I’ve had some good conversations in the past few days about this show and about writing, particularly writing about work one doesn’t like. In the case of Chad Brown’s paintings, I may have been too brief in talking about why they don’t work for me. So, to be fair, here’s some elaboration.

I can’t think of any contemporary landscape painting, especially with urban/suburban homes in them, that have something to say about the subject or about “now” in general. Artwork involving mid-century Las Vegas homes feels nostalgic to me. I love me some landscapes, but they tend to be older, from ages when landscape painting had more cultural currency. French Impressionism is a good segue here, because they are landscapes, but the real subject is the atmosphere, the sense of light and emotion, that the brushwork creates, and the brushwork itself. Chad’s brushwork in these pieces feels mannerist to me: it seems to mean something, but, for me, that something doesn’t come through. And the imagery in the neon piece could be interesting, but this, too, is buried under the problematic brushwork.

Talking with some of you about the show and particularly about Chad’s work has been very cool. I’m looking forward to more of this communal digging into artwork, from the stuff we like to the stuff we don’t.

On “Desert Chromaticity” at the Springs Preserve

February 1st, 2010

Image courtesy of the Springs Preserve, copyright Andrew Cattoir

Over the weekend, I returned to the Las Vegas Springs Preserve with the intention of taking in the exhibition “Desert Chromaticity” at a more leisurely pace. I had attended the reception the prior Thursday and spent only a little time looking at the show and the work in the show, for there was much nodding, smiling, and avoiding-uncomfortable-silences to be done. The extended art-viewing that was to have taken place last Saturday would have infused this post with a more detailed response to the show than what follows. As it turns out, this post will instead open with the flying of my spendthrift colors way earlier than I intended in my blogging life.

The cost of admission for a local adult and two kids to see this art show is $20. Granted, these tickets would get us into the entire Springs Preserve complex, but none of us were in the mood for historical and science-oriented fare; in fact, only one of us was interested in seeing the art. So, as an budget-conscious gallery hopper, who is accustomed to popping in and out of art shows at will, we headed directly to the playground and fake-grass amphitheater, both of which were a good time.

So, a few impressions (gathered fleetingly at the reception) of the “Desert Chromaticity” art exhibition, curated by Mike Spiewak of the Springs Preserve. The show features eight artists from the Southwest, whose work demonstrates some aspect of the quality of light in the Mojave. This theme is broad enough to allow the inclusion of any artist I can think of, which, for my taste, is a good thing, because I can discard the curatorial subject and just look at it as a group show. Themed art exhibitions can be a good occasion to bring together works by different artists, but these themes tend to do little but generate a white noise that nags you when you’re looking at a mediocre artwork, and vanishes when you approach a good one.

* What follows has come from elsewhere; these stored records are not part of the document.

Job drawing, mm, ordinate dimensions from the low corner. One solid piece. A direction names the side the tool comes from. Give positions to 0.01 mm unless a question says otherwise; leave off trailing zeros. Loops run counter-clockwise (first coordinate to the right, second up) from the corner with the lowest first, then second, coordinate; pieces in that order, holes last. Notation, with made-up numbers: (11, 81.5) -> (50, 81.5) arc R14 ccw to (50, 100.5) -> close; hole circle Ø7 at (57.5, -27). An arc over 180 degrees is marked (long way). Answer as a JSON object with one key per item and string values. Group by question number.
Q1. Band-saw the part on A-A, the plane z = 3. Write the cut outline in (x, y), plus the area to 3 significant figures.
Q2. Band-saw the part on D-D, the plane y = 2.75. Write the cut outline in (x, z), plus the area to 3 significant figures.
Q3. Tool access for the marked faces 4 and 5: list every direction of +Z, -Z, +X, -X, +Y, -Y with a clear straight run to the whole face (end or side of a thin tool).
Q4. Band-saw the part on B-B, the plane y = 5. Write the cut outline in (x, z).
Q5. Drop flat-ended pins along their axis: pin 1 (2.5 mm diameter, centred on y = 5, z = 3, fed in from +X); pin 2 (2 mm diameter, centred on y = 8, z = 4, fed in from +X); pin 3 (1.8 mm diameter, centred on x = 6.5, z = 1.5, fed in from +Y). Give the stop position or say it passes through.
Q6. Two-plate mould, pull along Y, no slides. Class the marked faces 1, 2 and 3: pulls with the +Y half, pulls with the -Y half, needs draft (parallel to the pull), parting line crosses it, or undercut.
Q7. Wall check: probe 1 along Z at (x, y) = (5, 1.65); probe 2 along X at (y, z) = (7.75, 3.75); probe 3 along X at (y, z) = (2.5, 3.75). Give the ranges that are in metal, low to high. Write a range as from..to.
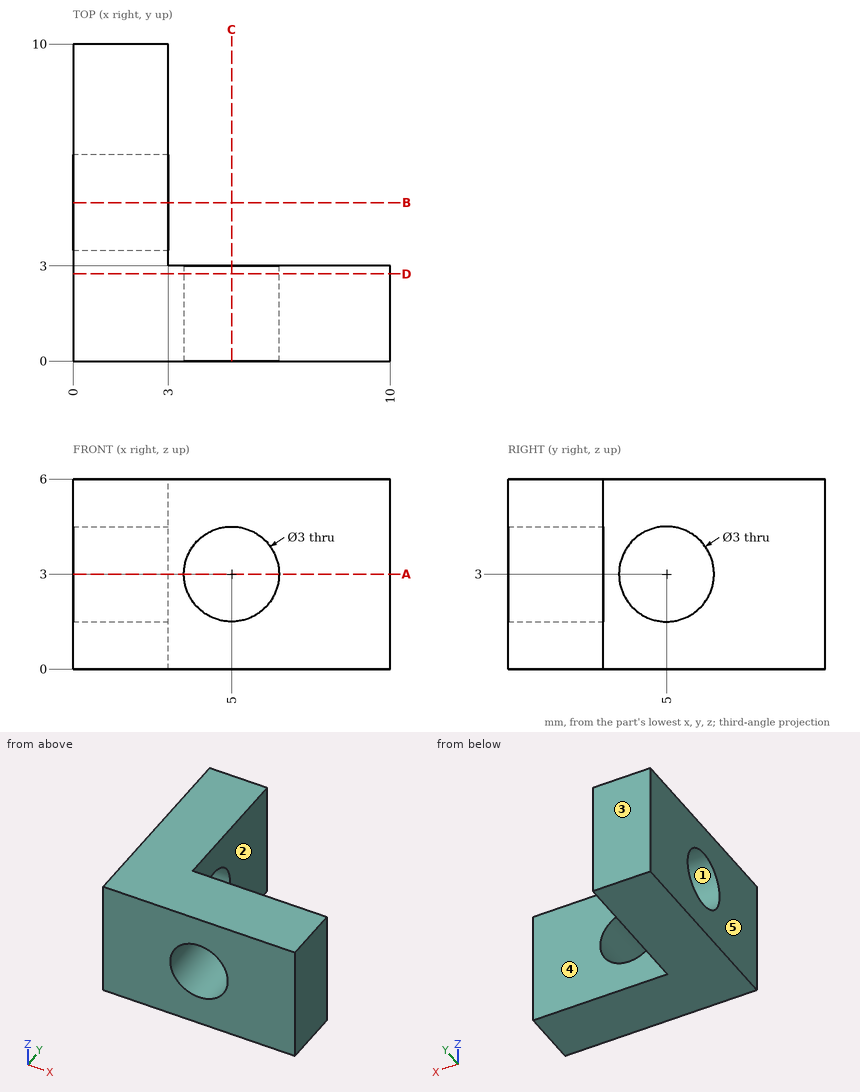
Worked answers:
{
 "1": {"outline": "(0, 0) -> (3.5, 0) -> (3.5, 3) -> (3, 3) -> (3, 3.5) -> (0, 3.5) -> close; (0, 6.5) -> (3, 6.5) -> (3, 10) -> (0, 10) -> close; (6.5, 0) -> (10, 0) -> (10, 3) -> (6.5, 3) -> close", "area": "33.0 mm2"},
 "2": {"outline": "(0, 0) -> (10, 0) -> (10, 6) -> (0, 6) -> close; hole circle Ø3 at (5, 3)", "area": "52.9 mm2"},
 "3": {"face 4": "+Z, -Z, +X, +Y", "face 5": "+Z, -Z, -X, +Y, -Y"},
 "4": {"outline": "(0, 0) -> (3, 0) -> (3, 1.5) -> (0, 1.5) -> close; (0, 4.5) -> (3, 4.5) -> (3, 6) -> (0, 6) -> close"},
 "5": {"pin 1": "through", "pin 2": "x = 3", "pin 3": "y = 3"},
 "6": {"face 1": "undercut", "face 2": "needs draft", "face 3": "pulls with the +Y half"},
 "7": {"probe 1": "0..1.5, 4.5..6", "probe 2": "0..3", "probe 3": "0..3.7, 6.3..10"}
}

Stephen Hendee’s large sculpture needs no curatorial statement to for it to make an impact. It reaches from the floor almost to the ceiling, and casts its graded internal light–evoking a desert sunset–on all surfaces, including the other artwork in the show, and the viewers. Seeing everyone looking warm and pink in its glow was a great pleasure of the show. I speak as an artist and a viewer, with my own set of art-viewing criteria, when I offer that this piece alone would have made a strong show. The sculpture sets its own terms anyway, by scale and by the light it shines. On its own, it could stretch out and relax, and give Las Vegans our own little version of Olafur Eliasson’s 2003 The Weather Project.

But here in the real world, “Desert Chromaticity” is a group show, and the other pieces have to fend for themselves in the quiet, rosy-fingered discotheque over which Hendee’s piece DJs. Much of the artwork is polite and tasteful, most are wall-mounted photos, paintings, and mixed media, and most want to be your friend. One exception is Chad Brown’s dark and glossy oil paintings, which not only look like they were all made with the same 3/4″ brush, but the imagery is at best forgettable. (As I go forward with these art-writing posts, I hope my criticism of works I don’t like come across as honest and not rude; we must mind our manners.)

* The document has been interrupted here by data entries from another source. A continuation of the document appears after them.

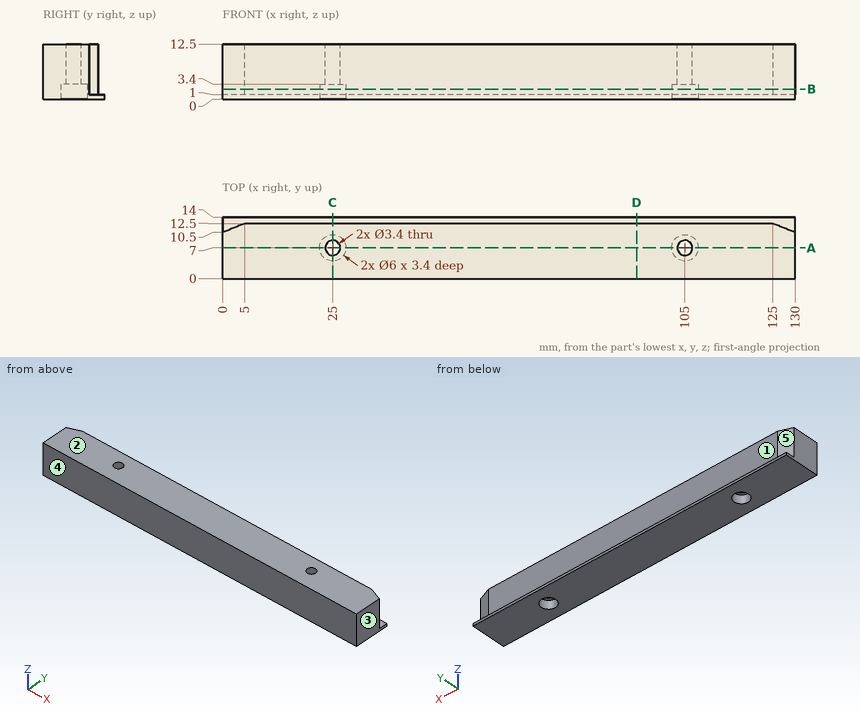
Verification items for this drawing (mm, ordinates from the low corner). A direction names the side the tool comes from. Give positions to 0.01 mm unless a question says otherwise; leave off trailing zeros. Write each loop counter-clockwise with the first axis right and the second up, starting at its lowest first coordinate (ties: lowest second). Pieces come first, ordered by that corner, then holes. Notation, with made-up numbers: (23, 30.5) - (80, 30.5) arc R19 cw to (80, 45.5) - close; hole circle Ø2 at (-32, -17). An arc over 180 degrees is marked (long way). Answer as CSV lines item,"result". Start each with the question number.
1. Sectioned sample at C-C (x = 25). Record the boundary of the cut face in (y, z).
2. Sectioned sample at D-D (x = 94). Record the boundary of the cut face in (y, z), then the cut area to 3 significant figures.
3. Draft check along X on the marked faces 3, 4 and 5. Enter one of: pulls with the +X half, pulls with the -X half, needs draft (parallel to the pull), parting line crosses it, or undercut.
4. Sectioned sample at A-A (y = 7). Record the boundary of the cut face in (x, z).
5. Thickness scan on line 1 (X direction, y = 9.25, z = 2.5); line 2 (X direction, y = 7.5, z = 7.25); line 3 (Y direction, x = 25, z = 1.2). Record the ranges inside material, lowest first.
6. Depth check by flat-ended pin: pin 1 (6 mm diameter, centred on x = 91.5, z = 9, fed in from +Y); pin 2 (5 mm diameter, centred on x = 105, y = 7, fed in from -Z). Enter the tip coordinate at first touch or a pass-through.
7. Set-up check for the marked faces 1 and 2: record each of +Z, -Z, +X, -X, +Y, -Y from which the full face is reachable in a straight line by a thin tool's end or side.
8. Sectioned sample at B-B (z = 2.25). Record the boundary of the cut face in (x, y), then the cut area to 3 significant figures.
Derived:
1,outline,"(0, 0) - (4, 0) - (4, 3.4) - (5.3, 3.4) - (5.3, 12.5) - (0, 12.5) - close; (8.7, 3.4) - (10, 3.4) - (10, 0) - (14, 0) - (14, 1) - (12.5, 1) - (12.5, 12.5) - (8.7, 12.5) - close"
2,outline,"(0, 0) - (14, 0) - (14, 1) - (12.5, 1) - (12.5, 12.5) - (0, 12.5) - close"
2,area,"158 mm²"
3,face 3,"pulls with the +X half"
3,face 4,"needs draft"
3,face 5,"pulls with the -X half"
4,outline,"(0, 0) - (22, 0) - (22, 3.4) - (23.3, 3.4) - (23.3, 12.5) - (0, 12.5) - close; (26.7, 3.4) - (28, 3.4) - (28, 0) - (102, 0) - (102, 3.4) - (103.3, 3.4) - (103.3, 12.5) - (26.7, 12.5) - close; (106.7, 3.4) - (108, 3.4) - (108, 0) - (130, 0) - (130, 12.5) - (106.7, 12.5) - close"
5,line 1,"0 to 23.02, 26.98 to 103.02, 106.98 to 130"
5,line 2,"0 to 23.38, 26.62 to 103.38, 106.62 to 130"
5,line 3,"0 to 4, 10 to 12.5"
6,pin 1,"y = 12.5"
6,pin 2,"z = 3.4"
7,face 1,"+Z, +X, -X, +Y"
7,face 2,"+Z, +X, -X, +Y, -Y"
8,outline,"(0, 0) - (130, 0) - (130, 10.5) - (125, 12.5) - (5, 12.5) - (0, 10.5) - close; hole circle Ø6 at (25, 7); hole circle Ø6 at (105, 7)"
8,area,"1,560 mm²"

A couple of pieces stand up to the Hendee ambiance. David Baird has some small sculptures in the back, presumably hiding where Stephen’s piece won’t eat them, that are oddly colorless and cubical, each resting on its own moony light source. I like the bluntness of Catherine Borg’s photo of an old boat awash in the desert. And, although I’m still learning Shawn Hummel’s visual dialect, I like his diptychs: a photo of what appears to be a blurry night cityscape in one piece, part of a car in another, each mounted above an aluminum panel with its own shiny automotive paint job. These works speak up for the urban Southwest car culture, a great source for human-made color. Moreover, like a polished roadster pulling up to valet at the Flamingo, Hummel’s pieces bathe comfortably in the light of the aforementioned mega-sculpture.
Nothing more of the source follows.